E isso não acontece por acaso, mas pela razão histórica de que a República
Oriental do Uruguai, como é seu nome constitucional, foi criada como uma
espécie de Bélgica da América do Sul, ou seja, para servir de tampão entre o
Brasil e a Argentina, sucessores do império português e do império espanhol.
Por isso foi deixada propositadamente sem língua oficial, nem português nem
espanhol, num esforço de neutralidade.
Muita
gente já ouviu falar da uruguaia Colónia do Sacramento, que foi a
mais meridional das cidades portuguesas e se situa mesmo em frente a Buenos
Aires, na margem uruguaia do Rio da Prata.
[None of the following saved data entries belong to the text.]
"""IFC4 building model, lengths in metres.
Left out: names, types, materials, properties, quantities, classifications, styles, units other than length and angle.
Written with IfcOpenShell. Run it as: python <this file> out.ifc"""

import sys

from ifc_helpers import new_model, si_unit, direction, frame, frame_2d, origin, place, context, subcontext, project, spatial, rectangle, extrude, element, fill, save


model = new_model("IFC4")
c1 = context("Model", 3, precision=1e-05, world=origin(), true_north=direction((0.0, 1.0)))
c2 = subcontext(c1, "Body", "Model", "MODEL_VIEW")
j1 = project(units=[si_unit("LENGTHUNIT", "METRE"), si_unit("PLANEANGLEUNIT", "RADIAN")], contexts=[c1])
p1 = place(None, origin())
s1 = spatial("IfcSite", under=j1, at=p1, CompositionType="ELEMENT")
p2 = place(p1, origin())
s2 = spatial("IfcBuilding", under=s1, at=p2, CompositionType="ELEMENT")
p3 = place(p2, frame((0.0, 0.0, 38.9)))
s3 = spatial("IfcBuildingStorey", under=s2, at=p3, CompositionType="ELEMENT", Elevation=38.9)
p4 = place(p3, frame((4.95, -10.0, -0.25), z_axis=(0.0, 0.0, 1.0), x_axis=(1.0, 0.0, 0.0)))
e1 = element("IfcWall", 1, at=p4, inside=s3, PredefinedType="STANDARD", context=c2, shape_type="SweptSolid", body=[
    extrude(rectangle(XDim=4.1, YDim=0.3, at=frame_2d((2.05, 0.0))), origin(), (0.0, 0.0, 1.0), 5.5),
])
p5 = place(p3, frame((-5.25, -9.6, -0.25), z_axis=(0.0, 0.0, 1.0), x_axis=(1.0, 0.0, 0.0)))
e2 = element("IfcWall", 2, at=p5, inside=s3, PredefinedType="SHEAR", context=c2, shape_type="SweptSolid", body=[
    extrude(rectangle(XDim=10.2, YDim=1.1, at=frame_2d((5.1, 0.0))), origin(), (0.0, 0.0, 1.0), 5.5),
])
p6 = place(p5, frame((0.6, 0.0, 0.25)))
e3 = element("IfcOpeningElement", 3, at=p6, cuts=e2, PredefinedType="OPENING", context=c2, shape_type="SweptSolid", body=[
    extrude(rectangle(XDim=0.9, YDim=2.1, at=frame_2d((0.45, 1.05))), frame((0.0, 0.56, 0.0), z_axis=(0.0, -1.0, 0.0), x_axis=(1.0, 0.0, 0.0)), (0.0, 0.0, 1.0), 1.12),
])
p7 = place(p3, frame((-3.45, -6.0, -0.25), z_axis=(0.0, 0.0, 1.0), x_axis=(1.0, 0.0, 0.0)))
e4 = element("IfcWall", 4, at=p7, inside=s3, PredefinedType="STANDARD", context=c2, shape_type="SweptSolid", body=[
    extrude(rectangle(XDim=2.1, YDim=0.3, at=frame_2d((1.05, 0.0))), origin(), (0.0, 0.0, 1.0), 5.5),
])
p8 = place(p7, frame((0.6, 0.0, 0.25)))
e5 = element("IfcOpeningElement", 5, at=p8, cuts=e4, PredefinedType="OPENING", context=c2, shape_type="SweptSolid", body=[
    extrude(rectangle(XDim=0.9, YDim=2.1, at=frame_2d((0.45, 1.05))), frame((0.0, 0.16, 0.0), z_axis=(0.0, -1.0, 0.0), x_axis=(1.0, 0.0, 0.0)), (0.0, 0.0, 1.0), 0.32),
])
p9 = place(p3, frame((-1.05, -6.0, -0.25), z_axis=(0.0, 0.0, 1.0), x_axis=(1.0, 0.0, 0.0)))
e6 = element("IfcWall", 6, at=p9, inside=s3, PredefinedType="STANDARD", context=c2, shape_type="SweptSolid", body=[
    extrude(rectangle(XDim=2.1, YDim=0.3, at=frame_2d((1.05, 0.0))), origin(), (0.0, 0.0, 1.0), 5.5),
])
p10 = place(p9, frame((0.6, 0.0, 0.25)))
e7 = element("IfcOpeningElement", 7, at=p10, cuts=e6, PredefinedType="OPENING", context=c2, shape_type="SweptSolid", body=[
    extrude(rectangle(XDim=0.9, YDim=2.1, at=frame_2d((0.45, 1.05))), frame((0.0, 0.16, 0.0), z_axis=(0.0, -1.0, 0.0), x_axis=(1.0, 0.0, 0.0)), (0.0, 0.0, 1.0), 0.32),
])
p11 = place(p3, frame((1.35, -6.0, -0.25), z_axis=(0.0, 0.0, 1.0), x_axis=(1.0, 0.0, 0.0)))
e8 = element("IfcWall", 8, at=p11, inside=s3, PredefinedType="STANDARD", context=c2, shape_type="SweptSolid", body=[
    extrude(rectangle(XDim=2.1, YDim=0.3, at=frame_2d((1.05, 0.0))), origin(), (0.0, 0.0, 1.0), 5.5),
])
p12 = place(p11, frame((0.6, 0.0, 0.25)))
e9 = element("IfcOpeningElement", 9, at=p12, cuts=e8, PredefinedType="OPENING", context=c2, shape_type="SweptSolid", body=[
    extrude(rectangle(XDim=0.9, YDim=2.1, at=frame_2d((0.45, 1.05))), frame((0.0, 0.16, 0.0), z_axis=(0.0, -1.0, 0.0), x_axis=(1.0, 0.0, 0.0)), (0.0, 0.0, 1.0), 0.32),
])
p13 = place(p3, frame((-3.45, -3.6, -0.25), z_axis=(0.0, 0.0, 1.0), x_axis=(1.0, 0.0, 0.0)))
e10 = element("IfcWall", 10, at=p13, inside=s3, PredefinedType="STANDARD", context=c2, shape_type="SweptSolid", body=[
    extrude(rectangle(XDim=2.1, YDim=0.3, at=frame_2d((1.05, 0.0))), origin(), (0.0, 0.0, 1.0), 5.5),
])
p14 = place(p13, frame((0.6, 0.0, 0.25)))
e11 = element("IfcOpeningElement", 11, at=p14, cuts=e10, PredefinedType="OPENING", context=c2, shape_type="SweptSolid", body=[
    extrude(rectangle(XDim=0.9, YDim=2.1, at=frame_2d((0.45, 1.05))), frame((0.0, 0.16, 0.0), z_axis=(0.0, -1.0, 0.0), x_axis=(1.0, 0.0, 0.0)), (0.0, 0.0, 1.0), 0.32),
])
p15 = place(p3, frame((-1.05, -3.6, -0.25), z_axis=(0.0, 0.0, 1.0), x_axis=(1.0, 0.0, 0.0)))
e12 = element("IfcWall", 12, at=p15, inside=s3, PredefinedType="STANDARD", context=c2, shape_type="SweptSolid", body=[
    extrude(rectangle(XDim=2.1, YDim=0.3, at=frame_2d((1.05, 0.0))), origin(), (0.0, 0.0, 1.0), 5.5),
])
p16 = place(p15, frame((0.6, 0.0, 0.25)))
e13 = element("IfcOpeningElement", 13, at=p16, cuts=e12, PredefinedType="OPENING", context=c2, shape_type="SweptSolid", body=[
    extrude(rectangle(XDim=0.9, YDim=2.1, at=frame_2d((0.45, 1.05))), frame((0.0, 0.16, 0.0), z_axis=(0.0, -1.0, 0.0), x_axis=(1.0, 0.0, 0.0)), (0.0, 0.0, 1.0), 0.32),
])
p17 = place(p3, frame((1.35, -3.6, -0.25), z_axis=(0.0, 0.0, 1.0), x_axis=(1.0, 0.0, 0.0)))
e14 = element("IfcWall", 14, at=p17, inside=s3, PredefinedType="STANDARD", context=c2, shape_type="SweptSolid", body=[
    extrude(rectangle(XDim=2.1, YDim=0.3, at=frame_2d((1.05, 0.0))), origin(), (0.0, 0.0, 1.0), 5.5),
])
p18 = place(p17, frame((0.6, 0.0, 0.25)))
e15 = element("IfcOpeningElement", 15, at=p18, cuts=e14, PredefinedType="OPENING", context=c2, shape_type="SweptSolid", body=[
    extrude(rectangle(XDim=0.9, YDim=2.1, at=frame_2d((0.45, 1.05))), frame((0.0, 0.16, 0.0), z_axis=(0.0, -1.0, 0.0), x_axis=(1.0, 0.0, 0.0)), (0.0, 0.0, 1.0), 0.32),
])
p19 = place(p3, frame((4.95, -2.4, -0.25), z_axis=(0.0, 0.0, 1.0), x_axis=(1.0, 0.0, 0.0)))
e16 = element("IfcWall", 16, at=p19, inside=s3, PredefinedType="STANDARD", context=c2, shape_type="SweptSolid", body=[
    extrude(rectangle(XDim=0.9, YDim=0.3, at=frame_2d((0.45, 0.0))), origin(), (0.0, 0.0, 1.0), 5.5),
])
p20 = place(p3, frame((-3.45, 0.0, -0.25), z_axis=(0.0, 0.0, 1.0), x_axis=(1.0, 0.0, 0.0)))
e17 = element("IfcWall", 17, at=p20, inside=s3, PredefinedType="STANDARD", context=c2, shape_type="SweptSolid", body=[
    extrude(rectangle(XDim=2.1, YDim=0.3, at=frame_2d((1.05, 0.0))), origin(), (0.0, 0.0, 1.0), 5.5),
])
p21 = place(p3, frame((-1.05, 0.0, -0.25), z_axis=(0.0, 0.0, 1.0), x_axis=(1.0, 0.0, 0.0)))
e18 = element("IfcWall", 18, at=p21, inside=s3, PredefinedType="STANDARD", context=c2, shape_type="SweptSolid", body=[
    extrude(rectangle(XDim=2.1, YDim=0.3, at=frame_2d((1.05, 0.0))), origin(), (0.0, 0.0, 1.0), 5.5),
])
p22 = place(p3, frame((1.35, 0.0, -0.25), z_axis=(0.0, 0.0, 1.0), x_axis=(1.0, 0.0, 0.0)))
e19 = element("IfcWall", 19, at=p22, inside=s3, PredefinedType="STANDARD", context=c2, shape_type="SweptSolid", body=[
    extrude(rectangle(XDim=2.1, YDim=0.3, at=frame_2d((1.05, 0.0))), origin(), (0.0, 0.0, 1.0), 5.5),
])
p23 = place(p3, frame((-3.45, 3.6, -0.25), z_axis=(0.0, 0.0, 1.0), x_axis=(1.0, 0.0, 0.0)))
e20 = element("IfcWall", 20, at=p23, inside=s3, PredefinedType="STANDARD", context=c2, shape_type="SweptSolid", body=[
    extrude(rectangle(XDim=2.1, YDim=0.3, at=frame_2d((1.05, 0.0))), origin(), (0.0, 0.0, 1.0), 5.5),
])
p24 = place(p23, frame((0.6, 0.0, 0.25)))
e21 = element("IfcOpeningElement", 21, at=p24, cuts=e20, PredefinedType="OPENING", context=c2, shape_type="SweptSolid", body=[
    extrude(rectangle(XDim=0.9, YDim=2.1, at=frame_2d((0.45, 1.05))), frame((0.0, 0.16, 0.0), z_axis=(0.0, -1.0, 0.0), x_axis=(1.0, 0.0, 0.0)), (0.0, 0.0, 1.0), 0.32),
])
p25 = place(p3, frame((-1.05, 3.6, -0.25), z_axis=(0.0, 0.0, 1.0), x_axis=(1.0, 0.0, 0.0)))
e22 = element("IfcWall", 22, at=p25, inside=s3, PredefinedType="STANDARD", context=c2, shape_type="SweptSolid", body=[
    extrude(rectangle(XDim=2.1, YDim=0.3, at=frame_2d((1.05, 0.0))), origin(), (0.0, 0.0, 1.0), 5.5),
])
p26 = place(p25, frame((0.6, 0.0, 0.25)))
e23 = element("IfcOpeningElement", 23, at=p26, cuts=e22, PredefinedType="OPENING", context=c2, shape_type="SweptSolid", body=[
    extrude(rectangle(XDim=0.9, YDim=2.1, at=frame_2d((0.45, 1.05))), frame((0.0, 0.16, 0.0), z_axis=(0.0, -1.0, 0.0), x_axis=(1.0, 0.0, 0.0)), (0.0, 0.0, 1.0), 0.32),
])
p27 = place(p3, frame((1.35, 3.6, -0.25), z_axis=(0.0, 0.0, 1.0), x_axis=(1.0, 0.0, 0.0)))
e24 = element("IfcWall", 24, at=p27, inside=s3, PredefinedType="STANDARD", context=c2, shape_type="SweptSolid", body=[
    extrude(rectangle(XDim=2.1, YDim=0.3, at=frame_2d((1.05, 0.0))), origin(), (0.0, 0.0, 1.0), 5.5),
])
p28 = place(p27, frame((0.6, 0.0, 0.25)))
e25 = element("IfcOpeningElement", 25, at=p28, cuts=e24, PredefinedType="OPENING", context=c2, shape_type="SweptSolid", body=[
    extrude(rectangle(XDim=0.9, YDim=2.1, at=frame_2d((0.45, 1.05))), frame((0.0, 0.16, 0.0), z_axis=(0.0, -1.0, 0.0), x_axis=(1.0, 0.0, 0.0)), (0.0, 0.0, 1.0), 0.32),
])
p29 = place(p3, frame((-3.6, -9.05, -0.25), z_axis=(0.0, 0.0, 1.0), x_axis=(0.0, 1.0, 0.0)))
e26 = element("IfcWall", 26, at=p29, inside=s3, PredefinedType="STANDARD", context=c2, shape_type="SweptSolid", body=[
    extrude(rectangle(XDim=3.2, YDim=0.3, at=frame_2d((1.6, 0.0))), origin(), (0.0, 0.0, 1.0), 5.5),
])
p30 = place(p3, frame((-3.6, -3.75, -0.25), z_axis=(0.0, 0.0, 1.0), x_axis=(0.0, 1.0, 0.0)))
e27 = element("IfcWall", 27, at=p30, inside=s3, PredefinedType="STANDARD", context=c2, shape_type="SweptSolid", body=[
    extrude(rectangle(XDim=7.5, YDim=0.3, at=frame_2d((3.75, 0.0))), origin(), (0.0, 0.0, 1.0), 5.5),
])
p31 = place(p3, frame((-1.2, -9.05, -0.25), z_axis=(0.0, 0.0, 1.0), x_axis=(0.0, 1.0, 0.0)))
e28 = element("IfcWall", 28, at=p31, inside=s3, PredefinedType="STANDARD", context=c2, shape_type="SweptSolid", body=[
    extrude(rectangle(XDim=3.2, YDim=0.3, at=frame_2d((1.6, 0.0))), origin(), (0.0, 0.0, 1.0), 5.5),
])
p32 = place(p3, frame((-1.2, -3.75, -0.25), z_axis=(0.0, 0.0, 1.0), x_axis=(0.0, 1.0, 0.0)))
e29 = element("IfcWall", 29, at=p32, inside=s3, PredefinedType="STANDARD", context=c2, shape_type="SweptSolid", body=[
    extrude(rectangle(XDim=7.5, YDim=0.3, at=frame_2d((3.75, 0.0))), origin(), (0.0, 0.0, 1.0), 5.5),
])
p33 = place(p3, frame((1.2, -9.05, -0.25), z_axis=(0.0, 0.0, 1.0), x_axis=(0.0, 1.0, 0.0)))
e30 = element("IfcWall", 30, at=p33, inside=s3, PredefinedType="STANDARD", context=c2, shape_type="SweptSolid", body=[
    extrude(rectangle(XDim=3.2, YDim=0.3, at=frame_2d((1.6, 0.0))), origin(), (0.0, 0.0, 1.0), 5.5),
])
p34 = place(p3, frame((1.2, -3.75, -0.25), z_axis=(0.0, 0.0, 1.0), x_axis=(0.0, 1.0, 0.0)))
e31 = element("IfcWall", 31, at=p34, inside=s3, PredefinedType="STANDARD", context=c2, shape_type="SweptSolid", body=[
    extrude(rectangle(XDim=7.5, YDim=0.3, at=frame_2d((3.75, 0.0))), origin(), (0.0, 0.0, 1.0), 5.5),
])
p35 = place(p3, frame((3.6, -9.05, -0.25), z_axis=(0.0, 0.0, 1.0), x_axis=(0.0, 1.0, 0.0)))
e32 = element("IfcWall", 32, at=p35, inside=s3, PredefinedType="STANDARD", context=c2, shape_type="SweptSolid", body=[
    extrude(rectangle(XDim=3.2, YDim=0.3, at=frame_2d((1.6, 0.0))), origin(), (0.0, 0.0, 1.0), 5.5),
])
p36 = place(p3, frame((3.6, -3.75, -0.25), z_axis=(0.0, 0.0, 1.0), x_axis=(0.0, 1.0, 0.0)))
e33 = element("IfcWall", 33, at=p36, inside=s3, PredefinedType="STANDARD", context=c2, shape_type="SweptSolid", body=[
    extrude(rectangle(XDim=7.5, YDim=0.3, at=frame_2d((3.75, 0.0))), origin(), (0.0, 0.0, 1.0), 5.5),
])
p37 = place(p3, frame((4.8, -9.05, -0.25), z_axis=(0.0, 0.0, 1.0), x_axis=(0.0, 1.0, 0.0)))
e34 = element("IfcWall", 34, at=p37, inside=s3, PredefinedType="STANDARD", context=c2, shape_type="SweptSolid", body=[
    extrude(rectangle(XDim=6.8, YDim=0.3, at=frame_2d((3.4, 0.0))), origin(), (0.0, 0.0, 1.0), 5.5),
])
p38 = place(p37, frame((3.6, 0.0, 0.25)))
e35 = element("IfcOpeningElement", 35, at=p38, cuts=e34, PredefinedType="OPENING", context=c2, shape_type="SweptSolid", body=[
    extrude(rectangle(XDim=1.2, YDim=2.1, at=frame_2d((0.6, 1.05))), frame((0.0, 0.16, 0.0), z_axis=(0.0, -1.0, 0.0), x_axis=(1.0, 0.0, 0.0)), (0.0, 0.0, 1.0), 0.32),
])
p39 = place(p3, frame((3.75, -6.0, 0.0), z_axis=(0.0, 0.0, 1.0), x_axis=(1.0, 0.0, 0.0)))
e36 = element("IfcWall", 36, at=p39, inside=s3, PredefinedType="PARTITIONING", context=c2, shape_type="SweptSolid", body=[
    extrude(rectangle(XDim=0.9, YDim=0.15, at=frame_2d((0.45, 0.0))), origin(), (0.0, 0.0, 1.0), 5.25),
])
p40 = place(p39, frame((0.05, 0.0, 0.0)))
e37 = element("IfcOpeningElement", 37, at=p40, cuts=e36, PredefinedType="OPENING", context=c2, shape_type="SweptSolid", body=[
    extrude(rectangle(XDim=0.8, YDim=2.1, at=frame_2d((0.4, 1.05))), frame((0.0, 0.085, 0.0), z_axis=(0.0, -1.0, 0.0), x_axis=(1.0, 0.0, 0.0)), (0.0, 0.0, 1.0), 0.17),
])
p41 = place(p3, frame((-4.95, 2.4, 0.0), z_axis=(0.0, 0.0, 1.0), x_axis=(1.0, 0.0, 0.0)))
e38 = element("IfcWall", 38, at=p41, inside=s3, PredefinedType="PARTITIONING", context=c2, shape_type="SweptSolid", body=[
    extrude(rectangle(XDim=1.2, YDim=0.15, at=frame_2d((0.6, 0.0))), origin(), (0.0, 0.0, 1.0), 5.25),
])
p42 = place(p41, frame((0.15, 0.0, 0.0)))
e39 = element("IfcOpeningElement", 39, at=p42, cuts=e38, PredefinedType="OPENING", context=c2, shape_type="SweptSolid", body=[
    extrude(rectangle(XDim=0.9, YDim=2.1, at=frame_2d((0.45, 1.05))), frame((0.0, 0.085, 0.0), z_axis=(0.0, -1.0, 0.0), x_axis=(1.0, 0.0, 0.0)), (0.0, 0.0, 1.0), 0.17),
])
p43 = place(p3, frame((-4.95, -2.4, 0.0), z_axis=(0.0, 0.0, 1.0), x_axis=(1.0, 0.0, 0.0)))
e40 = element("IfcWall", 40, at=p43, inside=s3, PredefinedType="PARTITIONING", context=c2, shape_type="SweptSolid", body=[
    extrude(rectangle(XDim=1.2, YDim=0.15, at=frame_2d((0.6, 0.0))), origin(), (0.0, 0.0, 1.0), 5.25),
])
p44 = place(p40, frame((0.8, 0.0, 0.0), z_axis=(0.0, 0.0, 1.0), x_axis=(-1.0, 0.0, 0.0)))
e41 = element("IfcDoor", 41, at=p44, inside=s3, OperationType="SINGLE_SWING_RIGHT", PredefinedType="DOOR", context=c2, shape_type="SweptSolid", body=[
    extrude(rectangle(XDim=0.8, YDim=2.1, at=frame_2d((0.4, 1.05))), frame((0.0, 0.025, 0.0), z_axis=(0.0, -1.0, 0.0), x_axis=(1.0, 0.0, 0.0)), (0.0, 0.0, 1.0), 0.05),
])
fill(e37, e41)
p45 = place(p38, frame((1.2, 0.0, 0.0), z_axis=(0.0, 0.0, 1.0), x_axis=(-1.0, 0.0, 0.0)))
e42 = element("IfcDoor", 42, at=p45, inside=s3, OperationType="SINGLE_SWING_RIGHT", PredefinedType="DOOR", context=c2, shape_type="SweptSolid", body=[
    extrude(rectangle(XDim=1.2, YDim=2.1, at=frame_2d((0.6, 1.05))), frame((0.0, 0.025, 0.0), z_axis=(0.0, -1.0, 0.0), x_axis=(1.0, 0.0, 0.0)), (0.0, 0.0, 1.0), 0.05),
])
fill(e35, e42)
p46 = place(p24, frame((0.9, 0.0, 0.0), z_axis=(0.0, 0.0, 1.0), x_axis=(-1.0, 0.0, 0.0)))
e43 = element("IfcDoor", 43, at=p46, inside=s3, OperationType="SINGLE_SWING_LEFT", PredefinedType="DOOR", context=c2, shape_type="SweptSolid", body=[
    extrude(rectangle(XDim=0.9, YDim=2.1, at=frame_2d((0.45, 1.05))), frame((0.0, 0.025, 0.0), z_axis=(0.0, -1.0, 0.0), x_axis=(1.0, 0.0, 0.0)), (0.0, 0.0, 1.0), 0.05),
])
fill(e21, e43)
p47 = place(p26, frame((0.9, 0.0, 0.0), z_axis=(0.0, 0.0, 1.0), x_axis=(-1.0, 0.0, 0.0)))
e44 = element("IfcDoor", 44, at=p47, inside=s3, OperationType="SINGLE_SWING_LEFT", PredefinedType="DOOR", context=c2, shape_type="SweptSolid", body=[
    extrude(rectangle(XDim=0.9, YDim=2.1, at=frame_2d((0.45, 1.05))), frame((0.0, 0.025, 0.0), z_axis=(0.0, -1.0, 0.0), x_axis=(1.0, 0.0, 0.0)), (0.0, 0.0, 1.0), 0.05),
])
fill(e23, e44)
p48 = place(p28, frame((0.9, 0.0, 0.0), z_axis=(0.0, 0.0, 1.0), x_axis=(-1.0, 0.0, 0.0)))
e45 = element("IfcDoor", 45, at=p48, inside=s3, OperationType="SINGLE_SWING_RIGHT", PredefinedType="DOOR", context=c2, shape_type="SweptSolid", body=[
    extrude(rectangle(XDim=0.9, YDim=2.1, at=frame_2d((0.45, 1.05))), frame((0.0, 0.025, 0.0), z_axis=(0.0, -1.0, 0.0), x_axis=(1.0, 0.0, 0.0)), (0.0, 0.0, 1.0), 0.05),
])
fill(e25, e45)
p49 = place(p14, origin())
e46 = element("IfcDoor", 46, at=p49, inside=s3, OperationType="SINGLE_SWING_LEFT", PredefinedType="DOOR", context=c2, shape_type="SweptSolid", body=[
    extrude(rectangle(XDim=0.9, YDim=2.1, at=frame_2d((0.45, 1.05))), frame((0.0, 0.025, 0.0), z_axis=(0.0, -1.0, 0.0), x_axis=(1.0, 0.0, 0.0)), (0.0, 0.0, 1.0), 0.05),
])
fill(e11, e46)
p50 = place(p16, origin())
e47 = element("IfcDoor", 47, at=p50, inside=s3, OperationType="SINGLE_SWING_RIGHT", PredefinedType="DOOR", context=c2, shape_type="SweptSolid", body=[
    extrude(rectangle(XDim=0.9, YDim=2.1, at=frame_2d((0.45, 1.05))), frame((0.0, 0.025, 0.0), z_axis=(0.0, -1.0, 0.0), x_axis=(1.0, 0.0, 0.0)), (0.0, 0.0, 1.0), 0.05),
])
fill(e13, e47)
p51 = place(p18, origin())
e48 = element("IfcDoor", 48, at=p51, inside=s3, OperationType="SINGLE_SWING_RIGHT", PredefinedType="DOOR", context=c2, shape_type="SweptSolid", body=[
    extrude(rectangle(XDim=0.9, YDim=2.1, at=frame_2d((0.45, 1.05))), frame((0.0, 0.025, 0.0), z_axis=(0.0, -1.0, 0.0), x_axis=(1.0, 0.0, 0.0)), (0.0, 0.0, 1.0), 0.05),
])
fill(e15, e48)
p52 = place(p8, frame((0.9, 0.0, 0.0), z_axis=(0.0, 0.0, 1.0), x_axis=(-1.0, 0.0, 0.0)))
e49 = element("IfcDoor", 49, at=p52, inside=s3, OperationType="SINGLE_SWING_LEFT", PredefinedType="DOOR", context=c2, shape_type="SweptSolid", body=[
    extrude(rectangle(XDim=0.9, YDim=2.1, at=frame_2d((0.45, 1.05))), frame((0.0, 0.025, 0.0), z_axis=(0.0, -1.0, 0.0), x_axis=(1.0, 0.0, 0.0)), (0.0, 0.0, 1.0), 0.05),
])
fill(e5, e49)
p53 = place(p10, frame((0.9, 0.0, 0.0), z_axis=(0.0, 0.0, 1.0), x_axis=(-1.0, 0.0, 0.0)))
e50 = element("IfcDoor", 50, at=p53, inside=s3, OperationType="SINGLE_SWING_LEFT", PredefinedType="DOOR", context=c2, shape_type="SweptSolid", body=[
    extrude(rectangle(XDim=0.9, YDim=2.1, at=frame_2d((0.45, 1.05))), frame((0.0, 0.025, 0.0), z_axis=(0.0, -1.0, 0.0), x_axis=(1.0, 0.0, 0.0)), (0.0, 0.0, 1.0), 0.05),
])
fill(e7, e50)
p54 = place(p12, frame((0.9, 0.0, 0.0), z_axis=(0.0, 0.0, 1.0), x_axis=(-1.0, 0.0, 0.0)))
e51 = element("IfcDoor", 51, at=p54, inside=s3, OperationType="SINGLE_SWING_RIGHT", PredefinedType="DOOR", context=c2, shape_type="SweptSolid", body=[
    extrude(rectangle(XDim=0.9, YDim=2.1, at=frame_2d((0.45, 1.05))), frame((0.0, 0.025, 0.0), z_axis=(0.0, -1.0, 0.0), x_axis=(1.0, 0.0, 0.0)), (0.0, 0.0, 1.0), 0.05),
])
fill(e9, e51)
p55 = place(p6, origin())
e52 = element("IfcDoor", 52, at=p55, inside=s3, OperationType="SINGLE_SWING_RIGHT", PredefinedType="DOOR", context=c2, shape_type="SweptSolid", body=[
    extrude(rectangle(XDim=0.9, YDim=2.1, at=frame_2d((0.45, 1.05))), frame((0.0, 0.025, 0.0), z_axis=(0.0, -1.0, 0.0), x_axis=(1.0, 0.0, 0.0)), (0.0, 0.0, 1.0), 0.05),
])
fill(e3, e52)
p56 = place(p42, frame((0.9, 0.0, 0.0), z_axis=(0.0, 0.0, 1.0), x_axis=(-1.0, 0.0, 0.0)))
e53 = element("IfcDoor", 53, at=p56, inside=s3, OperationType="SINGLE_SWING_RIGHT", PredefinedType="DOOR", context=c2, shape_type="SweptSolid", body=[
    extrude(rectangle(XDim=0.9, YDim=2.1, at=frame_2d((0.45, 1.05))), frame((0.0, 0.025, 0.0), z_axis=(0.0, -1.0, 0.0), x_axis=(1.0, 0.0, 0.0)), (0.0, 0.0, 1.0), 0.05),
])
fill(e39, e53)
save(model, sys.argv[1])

Esta cidade foi intermitentemente
portuguesa e espanhola durante século e meio, e serviu de moeda de troca nas
negociações pela posse do território das Missões, no atual estado brasileiro do
Rio Grande do Sul.
Mas
há menos quem saiba que todo o Uruguai foi, no início do século XIX, parte
do Reino Unido de Portugal, do Brasil e dos Algarves, com o nome de Província
Cisplatina. Após 1822, o Uruguai passou a fazer parte do Império Brasileiro. Em
1825, o Uruguai tornou-se independente, não — como muita gente pensa — do
império espanhol, mas sim do império brasileiro.
Este
é um caso único na América de língua espanhola — mas o Uruguai é também,
embora minoritariamente, de língua portuguesa. Há cidades de fronteira com
o Brasil, onde o português é língua materna. O “portunhol riverense”, também
chamado de “fronteiriço”, é um dialeto de base portuguesa reconhecido pelo
estado uruguaio. E a língua portuguesa é de ensino obrigatório nas escolas do
país.
Para
mais, o Uruguai é um país democrático e respeitador dos direitos humanos. A
pena de morte foi abolida em 1907. Foi um dos primeiros países na América a
reconhecer o casamento gay e um dos primeiros no mundo a legalizar as drogas
leves. E — esta é a melhor — já pediu e repetiu o pedido para ser observador na
CPLP. Se tivéssemos sido um pouco mais ativos ainda poderíamos ter tido José
“Pepe” Mujica nas cimeiras da lusofonia.
É
por isso que, de cada vez que eu passar pelas bandeiras da CPLP e lá vir a da
Guiné Equatorial hei de suspirar e pensar: mal por mal, preferia o Uruguai.